# Snake Vine River Paludarium



## atticus22 (Mar 20, 2011)

Hi guys, thought I would start a thread about the new build I am doing.

I have a Green Tree Python who has been stuck in a RUB for the last year or so and the time has come to give him a new home worthy of how pretty he is 










For anyone who has read any of my past threads or saw my last build, I am into my paludariums and water features, so I intend to set up a no-expense spared, in-wall paludarium as a display in my spare room. It will feature LED lighting, misting systems, artificial rocks, trees and vines etc, as well as a few aquatic critters.

I learned a massive amount from doing my last build:
http://www.dendroboard.com/forum/parts-construction/85629-my-green-tree-python-paludarium.html 
and so will hopefully be not making the same mistakes this time around in terms of equipment selection and ease of maintenance when its all up and running.
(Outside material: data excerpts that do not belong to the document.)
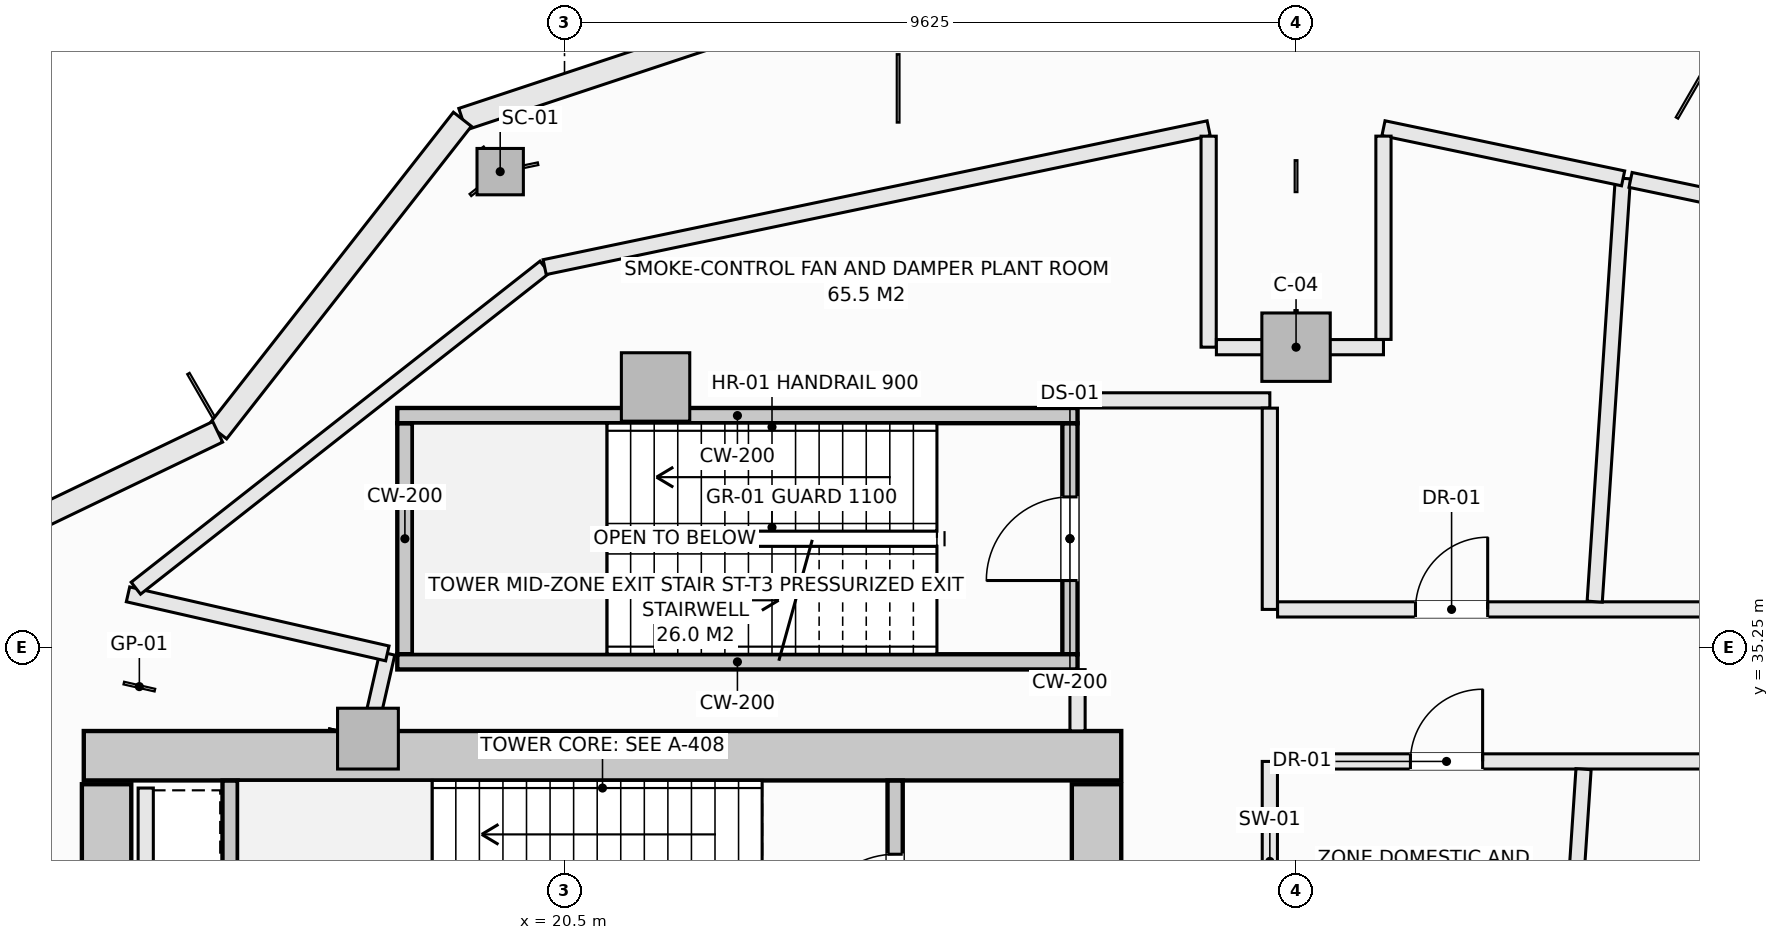
"""IFC4 building model, lengths in metres.
Left out: names, types, materials, properties, quantities, classifications, styles, units other than length and angle.
Written with IfcOpenShell. Run it as: python <this file> out.ifc"""

import sys

from ifc_helpers import new_model, si_unit, direction, frame, frame_2d, origin, origin_2d, place, context, subcontext, project, spatial, rectangle, hollow_rectangle, extrude, element, fill, save


model = new_model("IFC4")
c1 = context("Model", 3, precision=1e-05, world=origin(), true_north=direction((0.0, 1.0)))
c2 = subcontext(c1, "Body", "Model", "MODEL_VIEW")
j1 = project(units=[si_unit("LENGTHUNIT", "METRE"), si_unit("PLANEANGLEUNIT", "RADIAN")], contexts=[c1])
p1 = place(None, origin())
s1 = spatial("IfcSite", under=j1, at=p1, CompositionType="ELEMENT")
p2 = place(p1, origin())
s2 = spatial("IfcBuilding", under=s1, at=p2, CompositionType="ELEMENT")
p3 = place(p2, frame((0.0, 0.0, 186.9)))
s3 = spatial("IfcBuildingStorey", under=s2, at=p3, CompositionType="ELEMENT", Elevation=186.9)
p4 = place(p3, frame((14.175, 33.825, -0.32), z_axis=(0.0, 0.0, 1.0), x_axis=(1.0, 0.0, 0.0)))
e1 = element("IfcWall", 1, at=p4, inside=s3, PredefinedType="SHEAR", context=c2, shape_type="SweptSolid", body=[
    extrude(rectangle(XDim=13.65, YDim=0.65, at=frame_2d((6.825, 0.0))), origin(), (0.0, 0.0, 1.0), 5.04),
])
p5 = place(p3, frame((14.475, 20.55, -0.32), z_axis=(0.0, 0.0, 1.0), x_axis=(0.0, 1.0, 0.0)))
e2 = element("IfcWall", 2, at=p5, inside=s3, PredefinedType="SHEAR", context=c2, shape_type="SweptSolid", body=[
    extrude(rectangle(XDim=12.9, YDim=0.65, at=frame_2d((6.45, 0.0))), origin(), (0.0, 0.0, 1.0), 5.04),
])
p6 = place(p3, frame((27.5, 31.95, -0.32), z_axis=(0.0, 0.0, 1.0), x_axis=(0.0, 1.0, 0.0)))
e3 = element("IfcWall", 3, at=p6, inside=s3, PredefinedType="SHEAR", context=c2, shape_type="SweptSolid", body=[
    extrude(rectangle(XDim=1.5, YDim=0.65, at=frame_2d((0.75, 0.0))), origin(), (0.0, 0.0, 1.0), 5.04),
])
p7 = place(p3, frame((19.654, 41.51, -0.32), z_axis=(0.0, 0.0, 1.0), x_axis=(1.0, 0.0, 0.0)))
e4 = element("IfcColumn", 4, at=p7, inside=s3, PredefinedType="COLUMN", context=c2, shape_type="SweptSolid", body=[
    extrude(hollow_rectangle(XDim=0.61, YDim=0.61, WallThickness=0.025, at=origin_2d()), origin(), (0.0, 0.0, 1.0), 5.04),
])
for number, where, z_axis, x_axis in (
    (5, (30.125, 39.2, -0.32), (0.0, 0.0, 1.0), (1.0, 0.0, 0.0)),
    (6, (21.698, 38.677, -0.32), (0.0, 0.0, 1.0), (1.0, 0.0, 0.0)),
):
    element("IfcColumn", number, at=place(p3, frame(where, z_axis=z_axis, x_axis=x_axis)), inside=s3, PredefinedType="COLUMN", context=c2, shape_type="SweptSolid", body=[
        extrude(rectangle(XDim=0.9, YDim=0.9, at=origin_2d()), origin(), (0.0, 0.0, 1.0), 5.04),
    ])
p8 = place(p3, frame((17.914, 34.05, -0.32), z_axis=(0.0, 0.0, 1.0), x_axis=(1.0, 0.0, 0.0)))
e7 = element("IfcColumn", 7, at=p8, inside=s3, PredefinedType="PILASTER", context=c2, shape_type="SweptSolid", body=[
    extrude(rectangle(XDim=0.8, YDim=0.8, at=origin_2d()), origin(), (0.0, 0.0, 1.0), 5.04),
])
p9 = place(p3, frame((19.156, 42.199, 0.0), z_axis=(0.0, 0.0, 1.0), x_axis=(0.949246811547, 0.314532177636, 0.0)))
e8 = element("IfcWall", 8, at=p9, inside=s3, PredefinedType="SOLIDWALL", context=c2, shape_type="SweptSolid", body=[
    extrude(rectangle(XDim=5.574, YDim=0.3, at=frame_2d((2.787, 0.0))), origin(), (0.0, 0.0, 1.0), 1.15),
])
p10 = place(p3, frame((15.937, 38.086, 0.0), z_axis=(0.0, 0.0, 1.0), x_axis=(0.616429245738, 0.787410302828, 0.0)))
e9 = element("IfcWall", 9, at=p10, inside=s3, PredefinedType="SOLIDWALL", context=c2, shape_type="SweptSolid", body=[
    extrude(rectangle(XDim=5.223, YDim=0.3, at=frame_2d((2.612, 0.0))), origin(), (0.0, 0.0, 1.0), 1.15),
])
p11 = place(p3, frame((11.127, 35.775, 0.0), z_axis=(0.0, 0.0, 1.0), x_axis=(0.901353070301, 0.433085029363, 0.0)))
e10 = element("IfcWall", 10, at=p11, inside=s3, PredefinedType="SOLIDWALL", context=c2, shape_type="SweptSolid", body=[
    extrude(rectangle(XDim=5.336, YDim=0.3, at=frame_2d((2.668, 0.0))), origin(), (0.0, 0.0, 1.0), 1.15),
])
p12 = place(p3, frame((24.85, 30.46, -0.32), z_axis=(0.0, 0.0, 1.0), x_axis=(0.0, 1.0, 0.0)))
e11 = element("IfcWall", 11, at=p12, inside=s3, PredefinedType="SHEAR", context=c2, shape_type="SweptSolid", body=[
    extrude(rectangle(XDim=3.038, YDim=0.2, at=frame_2d((1.519, 0.0))), origin(), (0.0, 0.0, 1.0), 5.04),
])
p13 = place(p12, frame((0.969, 0.0, 0.32)))
e12 = element("IfcOpeningElement", 12, at=p13, cuts=e11, PredefinedType="OPENING", context=c2, shape_type="SweptSolid", body=[
    extrude(rectangle(XDim=1.1, YDim=2.15, at=frame_2d((0.55, 1.075))), frame((0.0, 0.11, 0.0), z_axis=(0.0, -1.0, 0.0), x_axis=(1.0, 0.0, 0.0)), (0.0, 0.0, 1.0), 0.22),
])
p14 = place(p3, frame((16.1, 30.462, -0.32), z_axis=(0.0, 0.0, 1.0), x_axis=(0.0, 1.0, 0.0)))
e13 = element("IfcWall", 13, at=p14, inside=s3, PredefinedType="SHEAR", context=c2, shape_type="SweptSolid", body=[
    extrude(rectangle(XDim=3.036, YDim=0.2, at=frame_2d((1.518, 0.0))), origin(), (0.0, 0.0, 1.0), 5.04),
])
p15 = place(p3, frame((27.15, 35.16, -0.32), z_axis=(0.0, 0.0, 1.0), x_axis=(0.0, 1.0, 0.0)))
e14 = element("IfcWall", 14, at=p15, inside=s3, PredefinedType="SHEAR", context=c2, shape_type="SweptSolid", body=[
    extrude(rectangle(XDim=3.04, YDim=0.2, at=frame_2d((1.52, 0.0))), origin(), (0.0, 0.0, 1.0), 5.04),
])
p16 = place(p15, frame((0.97, 0.0, 0.32)))
e15 = element("IfcOpeningElement", 15, at=p16, cuts=e14, PredefinedType="OPENING", context=c2, shape_type="SweptSolid", body=[
    extrude(rectangle(XDim=1.1, YDim=2.15, at=frame_2d((0.55, 1.075))), frame((0.0, 0.11, 0.0), z_axis=(0.0, -1.0, 0.0), x_axis=(1.0, 0.0, 0.0)), (0.0, 0.0, 1.0), 0.22),
])
p17 = place(p3, frame((18.4, 35.16, -0.32), z_axis=(0.0, 0.0, 1.0), x_axis=(0.0, 1.0, 0.0)))
e16 = element("IfcWall", 16, at=p17, inside=s3, PredefinedType="SHEAR", context=c2, shape_type="SweptSolid", body=[
    extrude(rectangle(XDim=3.04, YDim=0.2, at=frame_2d((1.52, 0.0))), origin(), (0.0, 0.0, 1.0), 5.04),
])
for number, where, z_axis, x_axis in (
    (17, (18.3, 38.3, -0.32), (0.0, 0.0, 1.0), (1.0, 0.0, 0.0)),
    (18, (18.3, 35.06, -0.32), (0.0, 0.0, 1.0), (1.0, 0.0, 0.0)),
):
    element("IfcWall", number, at=place(p3, frame(where, z_axis=z_axis, x_axis=x_axis)), inside=s3, PredefinedType="SHEAR", context=c2, shape_type="SweptSolid", body=[
        extrude(rectangle(XDim=8.95, YDim=0.2, at=frame_2d((4.475, 0.0))), origin(), (0.0, 0.0, 1.0), 5.04),
    ])
p18 = place(p3, frame((14.99, 30.55, 0.0), z_axis=(0.0, 0.0, 1.0), x_axis=(0.0, 1.0, 0.0)))
e19 = element("IfcWall", 19, at=p18, inside=s3, PredefinedType="SOLIDWALL", context=c2, shape_type="SweptSolid", body=[
    extrude(rectangle(XDim=2.85, YDim=0.2, at=frame_2d((1.425, 0.0))), origin(), (0.0, 0.0, 1.0), 4.72),
])
p19 = place(p3, frame((27.25, 34.152, 0.0), z_axis=(0.0, 0.0, 1.0), x_axis=(0.0, 1.0, 0.0)))
e20 = element("IfcWall", 20, at=p19, inside=s3, PredefinedType="SOLIDWALL", context=c2, shape_type="SweptSolid", body=[
    extrude(rectangle(XDim=0.806, YDim=0.2, at=frame_2d((0.403, 0.0))), origin(), (0.0, 0.0, 1.0), 4.72),
])
p20 = place(p3, frame((27.25, 38.5, 0.0), z_axis=(0.0, 0.0, 1.0), x_axis=(1.0, 0.0, 0.0)))
e21 = element("IfcWall", 21, at=p20, inside=s3, PredefinedType="SOLIDWALL", context=c2, shape_type="SweptSolid", body=[
    extrude(rectangle(XDim=2.53, YDim=0.2, at=frame_2d((1.265, 0.0))), origin(), (0.0, 0.0, 1.0), 4.72),
])
p21 = place(p3, frame((29.78, 31.12, 0.0), z_axis=(0.0, 0.0, 1.0), x_axis=(0.0, 1.0, 0.0)))
e22 = element("IfcWall", 22, at=p21, inside=s3, PredefinedType="SOLIDWALL", context=c2, shape_type="SweptSolid", body=[
    extrude(rectangle(XDim=2.63, YDim=0.2, at=frame_2d((1.315, 0.0))), origin(), (0.0, 0.0, 1.0), 4.72),
])
p22 = place(p3, frame((29.78, 35.75, 0.0), z_axis=(0.0, 0.0, 1.0), x_axis=(0.0, 1.0, 0.0)))
e23 = element("IfcWall", 23, at=p22, inside=s3, PredefinedType="SOLIDWALL", context=c2, shape_type="SweptSolid", body=[
    extrude(rectangle(XDim=2.648, YDim=0.2, at=frame_2d((1.324, 0.0))), origin(), (0.0, 0.0, 1.0), 4.72),
])
p23 = place(p3, frame((29.882, 35.75, 0.0), z_axis=(0.0, 0.0, 1.0), x_axis=(1.0, 0.0, 0.0)))
e24 = element("IfcWall", 24, at=p23, inside=s3, PredefinedType="SOLIDWALL", context=c2, shape_type="SweptSolid", body=[
    extrude(rectangle(XDim=8.816, YDim=0.2, at=frame_2d((4.408, 0.0))), origin(), (0.0, 0.0, 1.0), 4.095),
])
p24 = place(p23, frame((1.814, 0.0, 0.0)))
e25 = element("IfcOpeningElement", 25, at=p24, cuts=e24, PredefinedType="OPENING", context=c2, shape_type="SweptSolid", body=[
    extrude(rectangle(XDim=0.95, YDim=2.1, at=frame_2d((0.475, 1.05))), frame((0.0, 0.11, 0.0), z_axis=(0.0, -1.0, 0.0), x_axis=(1.0, 0.0, 0.0)), (0.0, 0.0, 1.0), 0.22),
])
p25 = place(p3, frame((29.882, 33.75, 0.0), z_axis=(0.0, 0.0, 1.0), x_axis=(1.0, 0.0, 0.0)))
e26 = element("IfcWall", 26, at=p25, inside=s3, PredefinedType="SOLIDWALL", context=c2, shape_type="SweptSolid", body=[
    extrude(rectangle(XDim=8.816, YDim=0.2, at=frame_2d((4.408, 0.0))), origin(), (0.0, 0.0, 1.0), 4.72),
])
p26 = place(p25, frame((1.748, 0.0, 0.0)))
e27 = element("IfcOpeningElement", 27, at=p26, cuts=e26, PredefinedType="OPENING", context=c2, shape_type="SweptSolid", body=[
    extrude(rectangle(XDim=0.95, YDim=2.1, at=frame_2d((0.475, 1.05))), frame((0.0, 0.11, 0.0), z_axis=(0.0, -1.0, 0.0), x_axis=(1.0, 0.0, 0.0)), (0.0, 0.0, 1.0), 0.22),
])
p27 = place(p3, frame((33.746, 31.222, 0.0), z_axis=(0.0, 0.0, 1.0), x_axis=(0.066472359128, 0.997788266854, 0.0)))
e28 = element("IfcWall", 28, at=p27, inside=s3, PredefinedType="SOLIDWALL", context=c2, shape_type="SweptSolid", body=[
    extrude(rectangle(XDim=2.431, YDim=0.2, at=frame_2d((1.216, 0.0))), origin(), (0.0, 0.0, 1.0), 4.72),
])
p28 = place(p3, frame((34.054, 35.852, 0.0), z_axis=(0.0, 0.0, 1.0), x_axis=(0.066399978294, 0.997793086207, 0.0)))
e29 = element("IfcWall", 29, at=p28, inside=s3, PredefinedType="SOLIDWALL", context=c2, shape_type="SweptSolid", body=[
    extrude(rectangle(XDim=5.581, YDim=0.2, at=frame_2d((2.791, 0.0))), origin(), (0.0, 0.0, 1.0), 4.402),
])
p29 = place(p3, frame((31.275, 42.081, 0.0), z_axis=(0.0, 0.0, 1.0), x_axis=(0.978789564925, -0.204868220071, 0.0)))
e30 = element("IfcWall", 30, at=p29, inside=s3, PredefinedType="SOLIDWALL", context=c2, shape_type="SweptSolid", body=[
    extrude(rectangle(XDim=3.221, YDim=0.2, at=frame_2d((1.611, 0.0))), origin(), (0.0, 0.0, 1.0), 4.72),
])
p30 = place(p3, frame((34.526, 41.4, 0.0), z_axis=(0.0, 0.0, 1.0), x_axis=(0.978797539927, -0.204830114567, 0.0)))
e31 = element("IfcWall", 31, at=p30, inside=s3, PredefinedType="SOLIDWALL", context=c2, shape_type="SweptSolid", body=[
    extrude(rectangle(XDim=3.951, YDim=0.2, at=frame_2d((1.976, 0.0))), origin(), (0.0, 0.0, 1.0), 4.72),
])
p31 = place(p3, frame((17.937, 34.152, 0.0), z_axis=(0.0, 0.0, 1.0), x_axis=(0.221974559012, 0.975052457641, 0.0)))
e32 = element("IfcWall", 32, at=p31, inside=s3, PredefinedType="SOLIDWALL", context=c2, shape_type="SweptSolid", body=[
    extrude(rectangle(XDim=1.045, YDim=0.2, at=frame_2d((0.522, 0.0))), origin(), (0.0, 0.0, 1.0), 4.72),
])
p32 = place(p3, frame((14.757, 35.948, 0.0), z_axis=(0.0, 0.0, 1.0), x_axis=(0.975029260281, -0.222076431877, 0.0)))
e33 = element("IfcWall", 33, at=p32, inside=s3, PredefinedType="SOLIDWALL", context=c2, shape_type="SweptSolid", body=[
    extrude(rectangle(XDim=3.499, YDim=0.2, at=frame_2d((1.75, 0.0))), origin(), (0.0, 0.0, 1.0), 4.72),
])
p33 = place(p3, frame((14.86, 36.029, 0.0), z_axis=(0.0, 0.0, 1.0), x_axis=(0.786475634876, 0.617621304479, 0.0)))
e34 = element("IfcWall", 34, at=p33, inside=s3, PredefinedType="SOLIDWALL", context=c2, shape_type="SweptSolid", body=[
    extrude(rectangle(XDim=6.839, YDim=0.2, at=frame_2d((3.419, 0.0))), origin(), (0.0, 0.0, 1.0), 4.72),
])
p34 = place(p3, frame((20.239, 40.253, 0.0), z_axis=(0.0, 0.0, 1.0), x_axis=(0.97882059117, 0.204719931373, 0.0)))
e35 = element("IfcWall", 35, at=p34, inside=s3, PredefinedType="SOLIDWALL", context=c2, shape_type="SweptSolid", body=[
    extrude(rectangle(XDim=8.925, YDim=0.2, at=frame_2d((4.462, 0.0))), origin(), (0.0, 0.0, 1.0), 4.72),
])
p35 = place(p3, frame((28.975, 39.2, 0.0), z_axis=(0.0, 0.0, 1.0), x_axis=(0.0, 1.0, 0.0)))
e36 = element("IfcWall", 36, at=p35, inside=s3, PredefinedType="SOLIDWALL", context=c2, shape_type="SweptSolid", body=[
    extrude(rectangle(XDim=2.776, YDim=0.2, at=frame_2d((1.388, 0.0))), origin(), (0.0, 0.0, 1.0), 4.72),
])
p36 = place(p3, frame((29.077, 39.2, 0.0), z_axis=(0.0, 0.0, 1.0), x_axis=(1.0, 0.0, 0.0)))
e37 = element("IfcWall", 37, at=p36, inside=s3, PredefinedType="SOLIDWALL", context=c2, shape_type="SweptSolid", body=[
    extrude(rectangle(XDim=2.198, YDim=0.2, at=frame_2d((1.099, 0.0))), origin(), (0.0, 0.0, 1.0), 4.095),
])
p37 = place(p3, frame((31.275, 39.302, 0.0), z_axis=(0.0, 0.0, 1.0), x_axis=(0.0, 1.0, 0.0)))
e38 = element("IfcWall", 38, at=p37, inside=s3, PredefinedType="SOLIDWALL", context=c2, shape_type="SweptSolid", body=[
    extrude(rectangle(XDim=2.675, YDim=0.2, at=frame_2d((1.337, 0.0))), origin(), (0.0, 0.0, 1.0), 4.72),
])
p38 = place(p13, origin())
e39 = element("IfcDoor", 39, at=p38, inside=s3, OperationType="SINGLE_SWING_LEFT", PredefinedType="DOOR", context=c2, shape_type="SweptSolid", body=[
    extrude(rectangle(XDim=1.1, YDim=2.15, at=frame_2d((0.55, 1.075))), frame((0.0, 0.025, 0.0), z_axis=(0.0, -1.0, 0.0), x_axis=(1.0, 0.0, 0.0)), (0.0, 0.0, 1.0), 0.05),
])
fill(e12, e39)
p39 = place(p16, origin())
e40 = element("IfcDoor", 40, at=p39, inside=s3, OperationType="SINGLE_SWING_LEFT", PredefinedType="DOOR", context=c2, shape_type="SweptSolid", body=[
    extrude(rectangle(XDim=1.1, YDim=2.15, at=frame_2d((0.55, 1.075))), frame((0.0, 0.025, 0.0), z_axis=(0.0, -1.0, 0.0), x_axis=(1.0, 0.0, 0.0)), (0.0, 0.0, 1.0), 0.05),
])
fill(e15, e40)
p40 = place(p26, origin())
e41 = element("IfcDoor", 41, at=p40, inside=s3, OperationType="SINGLE_SWING_RIGHT", PredefinedType="DOOR", context=c2, shape_type="SweptSolid", body=[
    extrude(rectangle(XDim=0.95, YDim=2.1, at=frame_2d((0.475, 1.05))), frame((0.0, 0.025, 0.0), z_axis=(0.0, -1.0, 0.0), x_axis=(1.0, 0.0, 0.0)), (0.0, 0.0, 1.0), 0.05),
])
fill(e27, e41)
p41 = place(p24, origin())
e42 = element("IfcDoor", 42, at=p41, inside=s3, OperationType="SINGLE_SWING_RIGHT", PredefinedType="DOOR", context=c2, shape_type="SweptSolid", body=[
    extrude(rectangle(XDim=0.95, YDim=2.1, at=frame_2d((0.475, 1.05))), frame((0.0, 0.025, 0.0), z_axis=(0.0, -1.0, 0.0), x_axis=(1.0, 0.0, 0.0)), (0.0, 0.0, 1.0), 0.05),
])
fill(e25, e42)
save(model, sys.argv[1])

As well as taking massive amounts of inspiration from people on this forum such as Grimm, Raf, Hydrophyte and Spirit-Of-Jungle (Think I have read their threads about a hundred times each) I also love the look of the aquascapes featured in the various Aquascaping Contests held every year and so these will be something I will be hoping to replicate but with a bit less water involved! Takashi Amano is also someone whos work I urge anyone who's into this stuff to check out. I have a rough idea in mind of the layout, so we'll see how well it goes!

Would love to hear any input as this progresses 

Cheers

Chris


----------



## atticus22 (Mar 20, 2011)

*Re: Snake Vine River*

So here is the progress so far, I decided on a 4"x2"x2" tank size, fits nicely against a wall in my spare room and will be boxed in eventually:

Stand build:



















A little hint at the layout I will be going for 











I ordered the tank new from ND Aquatics as has heard really good things about them and the price was the best I could find. Have to say I was extremely impressed with them, the lady who contacted me about the order Carolyn was extremely helpful and accommodating to the specifications I wanted and I was given an approximate lead time of around 6 weeks.

About 6 days later I was pleasantly surprised to get a phonecall saying it would be ready the following week and so got it delivered within about 2 weeks of ordering!  

So on the day of delivery, only thing I was dreading was how to get this tank (which is a LOT bigger than you think when you're measuring up your stairs with a tape measure, not to mention bloody heavy!) up 2 flights of stairs to my top floor. I have to say what a star the ND Delivery driver was who helped me up with it, apologising for every hole that was bashed into the walls, like I said to him, it was the only way and nothing a bit of Polyfilla wont fix! Just dont tell my landlord...getting it down on moving out day in a few years will be fun..!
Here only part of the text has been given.